La señora Rodríguez dispuso en la mesa la vajilla de visitas mientras vigilaba con el oído que el agua no hirviera. Se aproximó a la puerta del baño del departamento y le preguntó a Mora si prefería azúcar o miel. Desde adentro del tocador, Mora escuchaba los pasos de la señora Rodríguez como si fuera la percusión exigua de una caravana circense. Azúcar, señora.
La anciana le pidió que le dijera Queta. Cuando Mora salió del baño, le explicó la historia del sobrenombre. Acá en Madrid todos me dicen Queta. A mí me fascina, imaginate, cambiar de nombre a los 65.
Queta había llegado a Madrid 20 años atrás. Una de sus nietas había crecido a la vuelta de la casa de Mora y se hicieron amigas. Después dejaron de verse, pero mantuvieron algún contacto. Cuando Mora decidió viajar a España, la nieta de la señora Rodríguez fue la única persona a la que se le ocurrió acudir. Le preguntó primero si conocía a Omar, si conocía a alguien más o menos cercano a Omar. Cuando supo que no, le pidió la dirección de la abuela. Necesitaba un lugar para dormir la primera noche. Después ya habría encontrado alguna solución.
Queta sirvió el té y comenzó a preguntar. Encantada de recibir visitas, pero sobresaltada por la urgencia de Mora, sus gestos fluctuaban entre la amabilidad y la indagación. Sin embargo, como un líquido que finalmente encuentra una pendiente, la anciana interrumpió su merodeo con un diálogo directo.
De qué te estás escapando, nena.
Yo no creo que escape.
Mora estaba convencida de que no escapaba, de que viajar no era un medio. Sentía incluso la necesidad y la dificultad de aceptar un destino sin destino.
Esa idea de que una tiene que encontrar un hombre o una familia, ¿de dónde viene?
¿No querés tener hijos?
No quiero cambiar algunas cosas. Tener hijos te cambia.
Queta se incomodó. Acaso la falta de rodeos que había propuesto se le había vuelto en contra, y ahora preferiría la duda y no la certeza. O la duda y no el temor. ¿Debía cambiar de tema, comentar como todas sus amigas latinoamericanas las expectativas que despertaba, por ejemplo, la primera presidenta mujer en Chile?
Mora se le adelantó.
¿Usted por qué se vino?
Esmelda se había ido con su marido a México en junio del 76. Diez años después el señor Rodríguez subió a una silla para cambiar una lámpara del descanso de la escalera. Estaba solo en la casa. Trastabilló, cayó por varios escalones. Quedó tirado en el piso durante horas, balbuceando el nombre de su mujer. En el Hospital Inglés el anestesista se excedió en la dosis, o el señor Rodríguez estaba muy débil. La señora Rodríguez se fue a España, sus hijas, en cambio, eligieron a la Argentina.
El señor Rodríguez había sobrevivido a dos enfrentamientos contra los militares argentinos, y había encontrado la muerte de una manera tan absurda que todo México se volvió insoportable para Esmelda. Insoportable como su nombre. Cuando llegó a Madrid pidió a sus conocidos que le dijeran Queta.

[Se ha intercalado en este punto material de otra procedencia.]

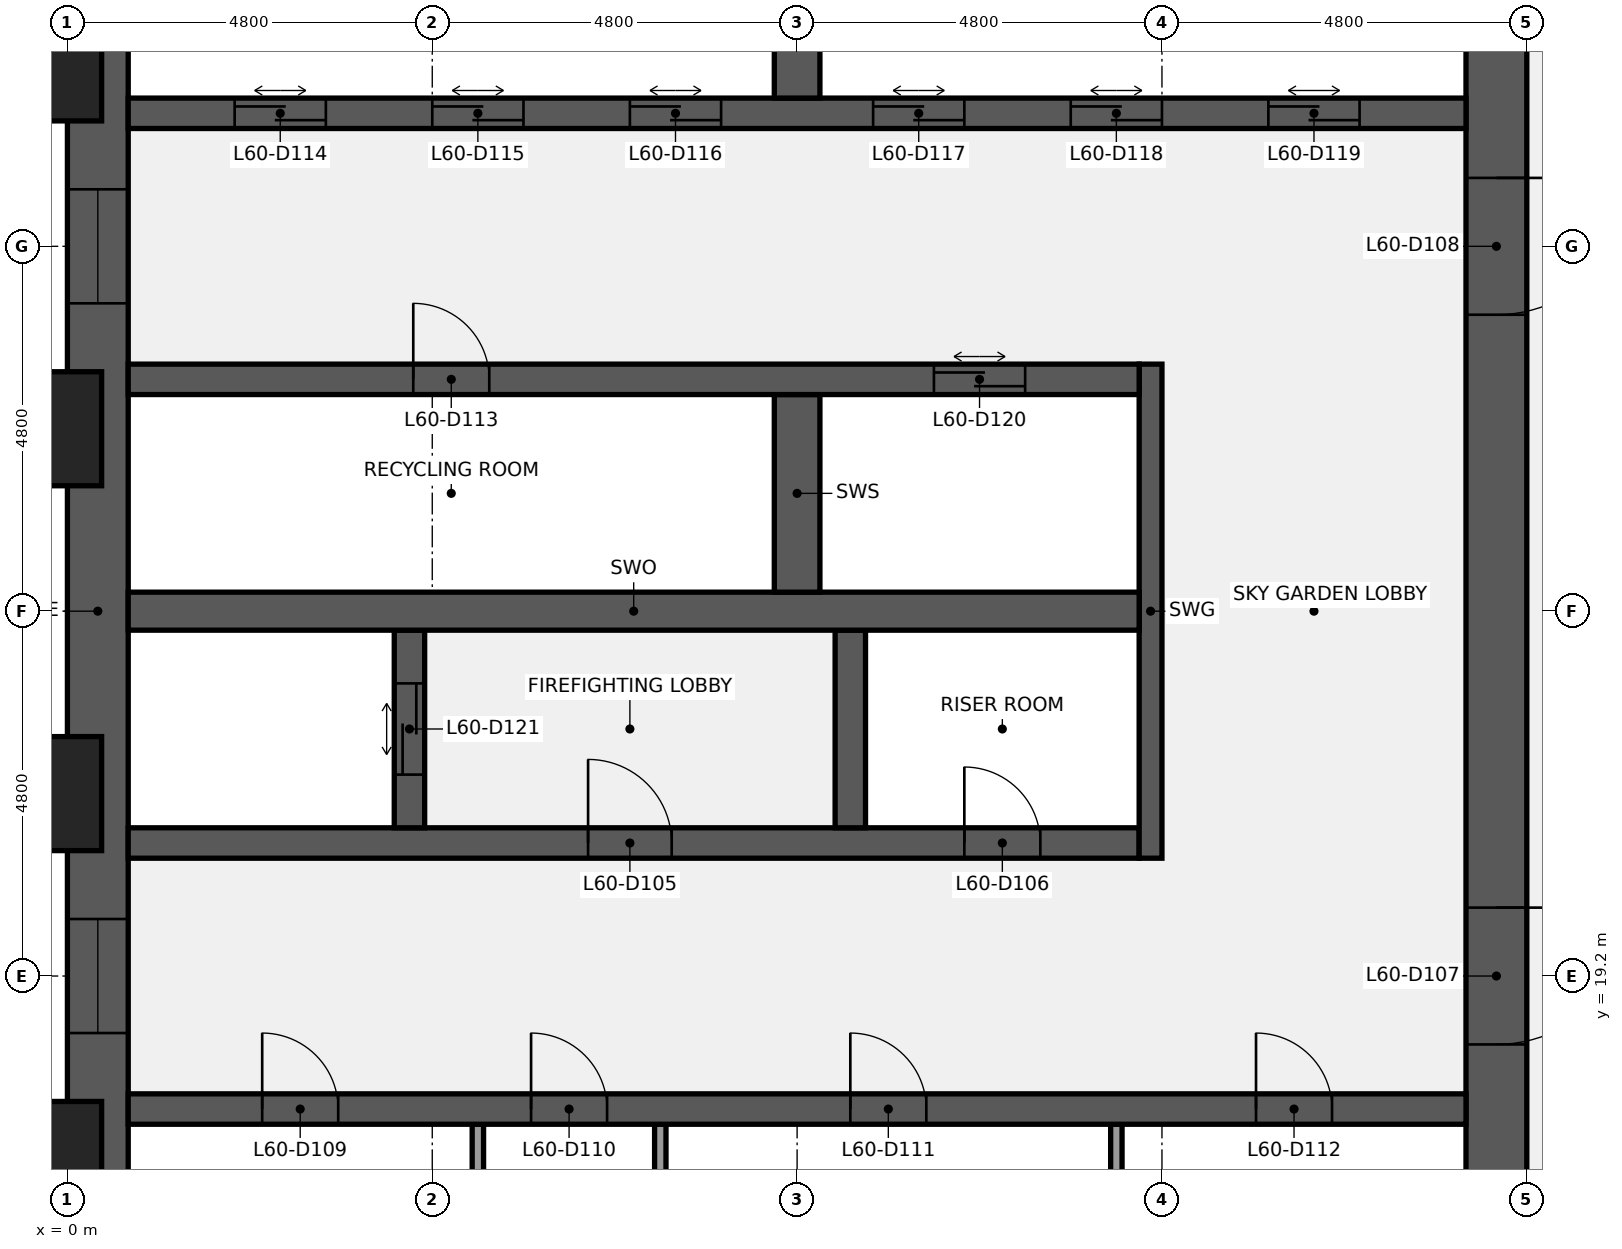
"""IFC4 building model, lengths in metres.
Left out: names, types, materials, properties, quantities, classifications, styles, units other than length and angle.
Written with IfcOpenShell. Run it as: python <this file> out.ifc"""

import sys

from ifc_helpers import new_model, si_unit, direction, frame, frame_2d, origin, origin_2d, place, context, subcontext, project, spatial, rectangle, extrude, element, fill, save


model = new_model("IFC4")
c1 = context("Model", 3, precision=1e-05, world=origin(), true_north=direction((0.0, 1.0)))
c2 = subcontext(c1, "Body", "Model", "MODEL_VIEW")
j1 = project(units=[si_unit("LENGTHUNIT", "METRE"), si_unit("PLANEANGLEUNIT", "RADIAN")], contexts=[c1])
p1 = place(None, origin())
s1 = spatial("IfcSite", under=j1, at=p1, CompositionType="ELEMENT")
p2 = place(p1, origin())
s2 = spatial("IfcBuilding", under=s1, at=p2, CompositionType="ELEMENT")
p3 = place(p2, frame((0.0, 0.0, 269.7)))
s3 = spatial("IfcBuildingStorey", under=s2, at=p3, CompositionType="ELEMENT", Elevation=269.7)
p4 = place(p3, frame((0.4, 9.6, 0.0), z_axis=(0.0, 0.0, 1.0), x_axis=(0.0, 1.0, 0.0)))
e1 = element("IfcWall", 1, at=p4, inside=s3, PredefinedType="SHEAR", context=c2, shape_type="SweptSolid", body=[
    extrude(rectangle(XDim=28.8, YDim=0.8, at=frame_2d((14.4, 0.0))), origin(), (0.0, 0.0, 1.0), 12.3),
])
p5 = place(p4, frame((8.85, 0.0, 0.9)))
e2 = element("IfcOpeningElement", 2, at=p5, cuts=e1, PredefinedType="OPENING", context=c2, shape_type="SweptSolid", body=[
    extrude(rectangle(XDim=1.5, YDim=6.3, at=frame_2d((0.75, 3.15))), frame((0.0, 0.41, 0.0), z_axis=(0.0, -1.0, 0.0), x_axis=(1.0, 0.0, 0.0)), (0.0, 0.0, 1.0), 0.82),
])
p6 = place(p4, frame((18.45, 0.0, 0.9)))
e3 = element("IfcOpeningElement", 3, at=p6, cuts=e1, PredefinedType="OPENING", context=c2, shape_type="SweptSolid", body=[
    extrude(rectangle(XDim=1.5, YDim=6.3, at=frame_2d((0.75, 3.15))), frame((0.0, 0.41, 0.0), z_axis=(0.0, -1.0, 0.0), x_axis=(1.0, 0.0, 0.0)), (0.0, 0.0, 1.0), 0.82),
])
p7 = place(p3, frame((18.8, 38.4, 0.0), z_axis=(0.0, 0.0, 1.0), x_axis=(0.0, -1.0, 0.0)))
e4 = element("IfcWall", 4, at=p7, inside=s3, PredefinedType="SHEAR", context=c2, shape_type="SweptSolid", body=[
    extrude(rectangle(XDim=28.8, YDim=0.8, at=frame_2d((14.4, 0.0))), origin(), (0.0, 0.0, 1.0), 12.3),
])
p8 = place(p7, frame((18.3, 0.0, 0.0)))
e5 = element("IfcOpeningElement", 5, at=p8, cuts=e4, PredefinedType="OPENING", context=c2, shape_type="SweptSolid", body=[
    extrude(rectangle(XDim=1.8, YDim=2.1, at=frame_2d((0.9, 1.05))), frame((0.0, 0.41, 0.0), z_axis=(0.0, -1.0, 0.0), x_axis=(1.0, 0.0, 0.0)), (0.0, 0.0, 1.0), 0.82),
])
p9 = place(p7, frame((8.7, 0.0, 0.0)))
e6 = element("IfcOpeningElement", 6, at=p9, cuts=e4, PredefinedType="OPENING", context=c2, shape_type="SweptSolid", body=[
    extrude(rectangle(XDim=1.8, YDim=2.1, at=frame_2d((0.9, 1.05))), frame((0.0, 0.41, 0.0), z_axis=(0.0, -1.0, 0.0), x_axis=(1.0, 0.0, 0.0)), (0.0, 0.0, 1.0), 0.82),
])
for number, where, z_axis, x_axis in (
    (7, (5.4, 14.65, 0.0), (0.0, 0.0, 1.0), (0.0, 1.0, 0.0)),
    (8, (7.8, 14.65, 0.0), (0.0, 0.0, 1.0), (0.0, 1.0, 0.0)),
    (9, (13.8, 14.65, 0.0), (0.0, 0.0, 1.0), (0.0, 1.0, 0.0)),
):
    element("IfcWall", number, at=place(p3, frame(where, z_axis=z_axis, x_axis=x_axis)), inside=s3, PredefinedType="PARTITIONING", context=c2, shape_type="SweptSolid", body=[
        extrude(rectangle(XDim=2.6, YDim=0.15, at=frame_2d((1.3, 0.0))), origin(), (0.0, 0.0, 1.0), 12.3),
    ])
p10 = place(p3, frame((0.8, 17.45, 0.0), z_axis=(0.0, 0.0, 1.0), x_axis=(1.0, 0.0, 0.0)))
e10 = element("IfcWall", 10, at=p10, inside=s3, PredefinedType="SHEAR", context=c2, shape_type="SweptSolid", body=[
    extrude(rectangle(XDim=17.6, YDim=0.4, at=frame_2d((8.8, 0.0))), origin(), (0.0, 0.0, 1.0), 12.3),
])
p11 = place(p10, frame((1.762, 0.0, 0.0)))
e11 = element("IfcOpeningElement", 11, at=p11, cuts=e10, PredefinedType="OPENING", context=c2, shape_type="SweptSolid", body=[
    extrude(rectangle(XDim=1.0, YDim=2.1, at=frame_2d((0.5, 1.05))), frame((0.0, 0.21, 0.0), z_axis=(0.0, -1.0, 0.0), x_axis=(1.0, 0.0, 0.0)), (0.0, 0.0, 1.0), 0.42),
])
p12 = place(p10, frame((5.3, 0.0, 0.0)))
e12 = element("IfcOpeningElement", 12, at=p12, cuts=e10, PredefinedType="OPENING", context=c2, shape_type="SweptSolid", body=[
    extrude(rectangle(XDim=1.0, YDim=2.1, at=frame_2d((0.5, 1.05))), frame((0.0, 0.21, 0.0), z_axis=(0.0, -1.0, 0.0), x_axis=(1.0, 0.0, 0.0)), (0.0, 0.0, 1.0), 0.42),
])
p13 = place(p10, frame((9.5, 0.0, 0.0)))
e13 = element("IfcOpeningElement", 13, at=p13, cuts=e10, PredefinedType="OPENING", context=c2, shape_type="SweptSolid", body=[
    extrude(rectangle(XDim=1.0, YDim=2.1, at=frame_2d((0.5, 1.05))), frame((0.0, 0.21, 0.0), z_axis=(0.0, -1.0, 0.0), x_axis=(1.0, 0.0, 0.0)), (0.0, 0.0, 1.0), 0.42),
])
p14 = place(p10, frame((14.837, 0.0, 0.0)))
e14 = element("IfcOpeningElement", 14, at=p14, cuts=e10, PredefinedType="OPENING", context=c2, shape_type="SweptSolid", body=[
    extrude(rectangle(XDim=1.0, YDim=2.1, at=frame_2d((0.5, 1.05))), frame((0.0, 0.21, 0.0), z_axis=(0.0, -1.0, 0.0), x_axis=(1.0, 0.0, 0.0)), (0.0, 0.0, 1.0), 0.42),
])
p15 = place(p3, frame((0.8, 20.95, 0.0), z_axis=(0.0, 0.0, 1.0), x_axis=(1.0, 0.0, 0.0)))
e15 = element("IfcWall", 15, at=p15, inside=s3, PredefinedType="SHEAR", context=c2, shape_type="SweptSolid", body=[
    extrude(rectangle(XDim=13.3, YDim=0.4, at=frame_2d((6.65, 0.0))), origin(), (0.0, 0.0, 1.0), 12.3),
])
p16 = place(p15, frame((6.05, 0.0, 0.0)))
e16 = element("IfcOpeningElement", 16, at=p16, cuts=e15, PredefinedType="OPENING", context=c2, shape_type="SweptSolid", body=[
    extrude(rectangle(XDim=1.1, YDim=2.1, at=frame_2d((0.55, 1.05))), frame((0.0, 0.21, 0.0), z_axis=(0.0, -1.0, 0.0), x_axis=(1.0, 0.0, 0.0)), (0.0, 0.0, 1.0), 0.42),
])
p17 = place(p15, frame((11.0, 0.0, 0.0)))
e17 = element("IfcOpeningElement", 17, at=p17, cuts=e15, PredefinedType="OPENING", context=c2, shape_type="SweptSolid", body=[
    extrude(rectangle(XDim=1.0, YDim=2.1, at=frame_2d((0.5, 1.05))), frame((0.0, 0.21, 0.0), z_axis=(0.0, -1.0, 0.0), x_axis=(1.0, 0.0, 0.0)), (0.0, 0.0, 1.0), 0.42),
])
p18 = place(p3, frame((14.25, 20.75, 0.0), z_axis=(0.0, 0.0, 1.0), x_axis=(0.0, 1.0, 0.0)))
e18 = element("IfcWall", 18, at=p18, inside=s3, PredefinedType="SHEAR", context=c2, shape_type="SweptSolid", body=[
    extrude(rectangle(XDim=6.5, YDim=0.3, at=frame_2d((3.25, 0.0))), origin(), (0.0, 0.0, 1.0), 12.3),
])
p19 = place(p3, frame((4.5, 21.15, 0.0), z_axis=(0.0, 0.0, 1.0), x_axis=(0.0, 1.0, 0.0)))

Mora escuchó la historia mientras tomaba el té. No pudo evitar un pensamiento inquietante: si seguía así jamás enviudaría, o peor aún, sería una viuda perpetua. Una mujer que ha dejado a sus muertos en distintos puntos del mundo. Una mujer que incluso no necesitaría enterarse de la muerte de quienes la hacían ser una viuda.
Yo estaba enamorada de Rodríguez.
¿Le decía así, ‘Rodríguez’?
Sí. Siempre lo llamé por el apellido. ¿Vos, nunca te enamoraste?
Mil veces.
¿Y qué pasó?
Eso. Me enamoré mil veces. Voy a enamorarme mil veces más.
Queta levantó la mesa y acompañó a Mora hasta el cuarto de visitas. Le mostró las fotos. El señor Rodríguez, las dos hijas, los nietos.
Mora reconoció a su amiga en las primeras
La cuarta foto de la pared que enfrentaba a la ventana la dejó pálida, como si una máquina industrial oxidada le hubiera absorbido de repente toda la sangre. En una postal amarillenta, su amiga cordobesa posaba junto a su madre, su tía, una niña más y dos niños. La niña debía de ser la prima, y uno de los niños, el tercer nieto de Queta. El otro era rubio, estaba arrodillado y abrazaba a un perro. Mora se acercó para ver mejor, incrédula y agitada. Al perro le faltaba una pata.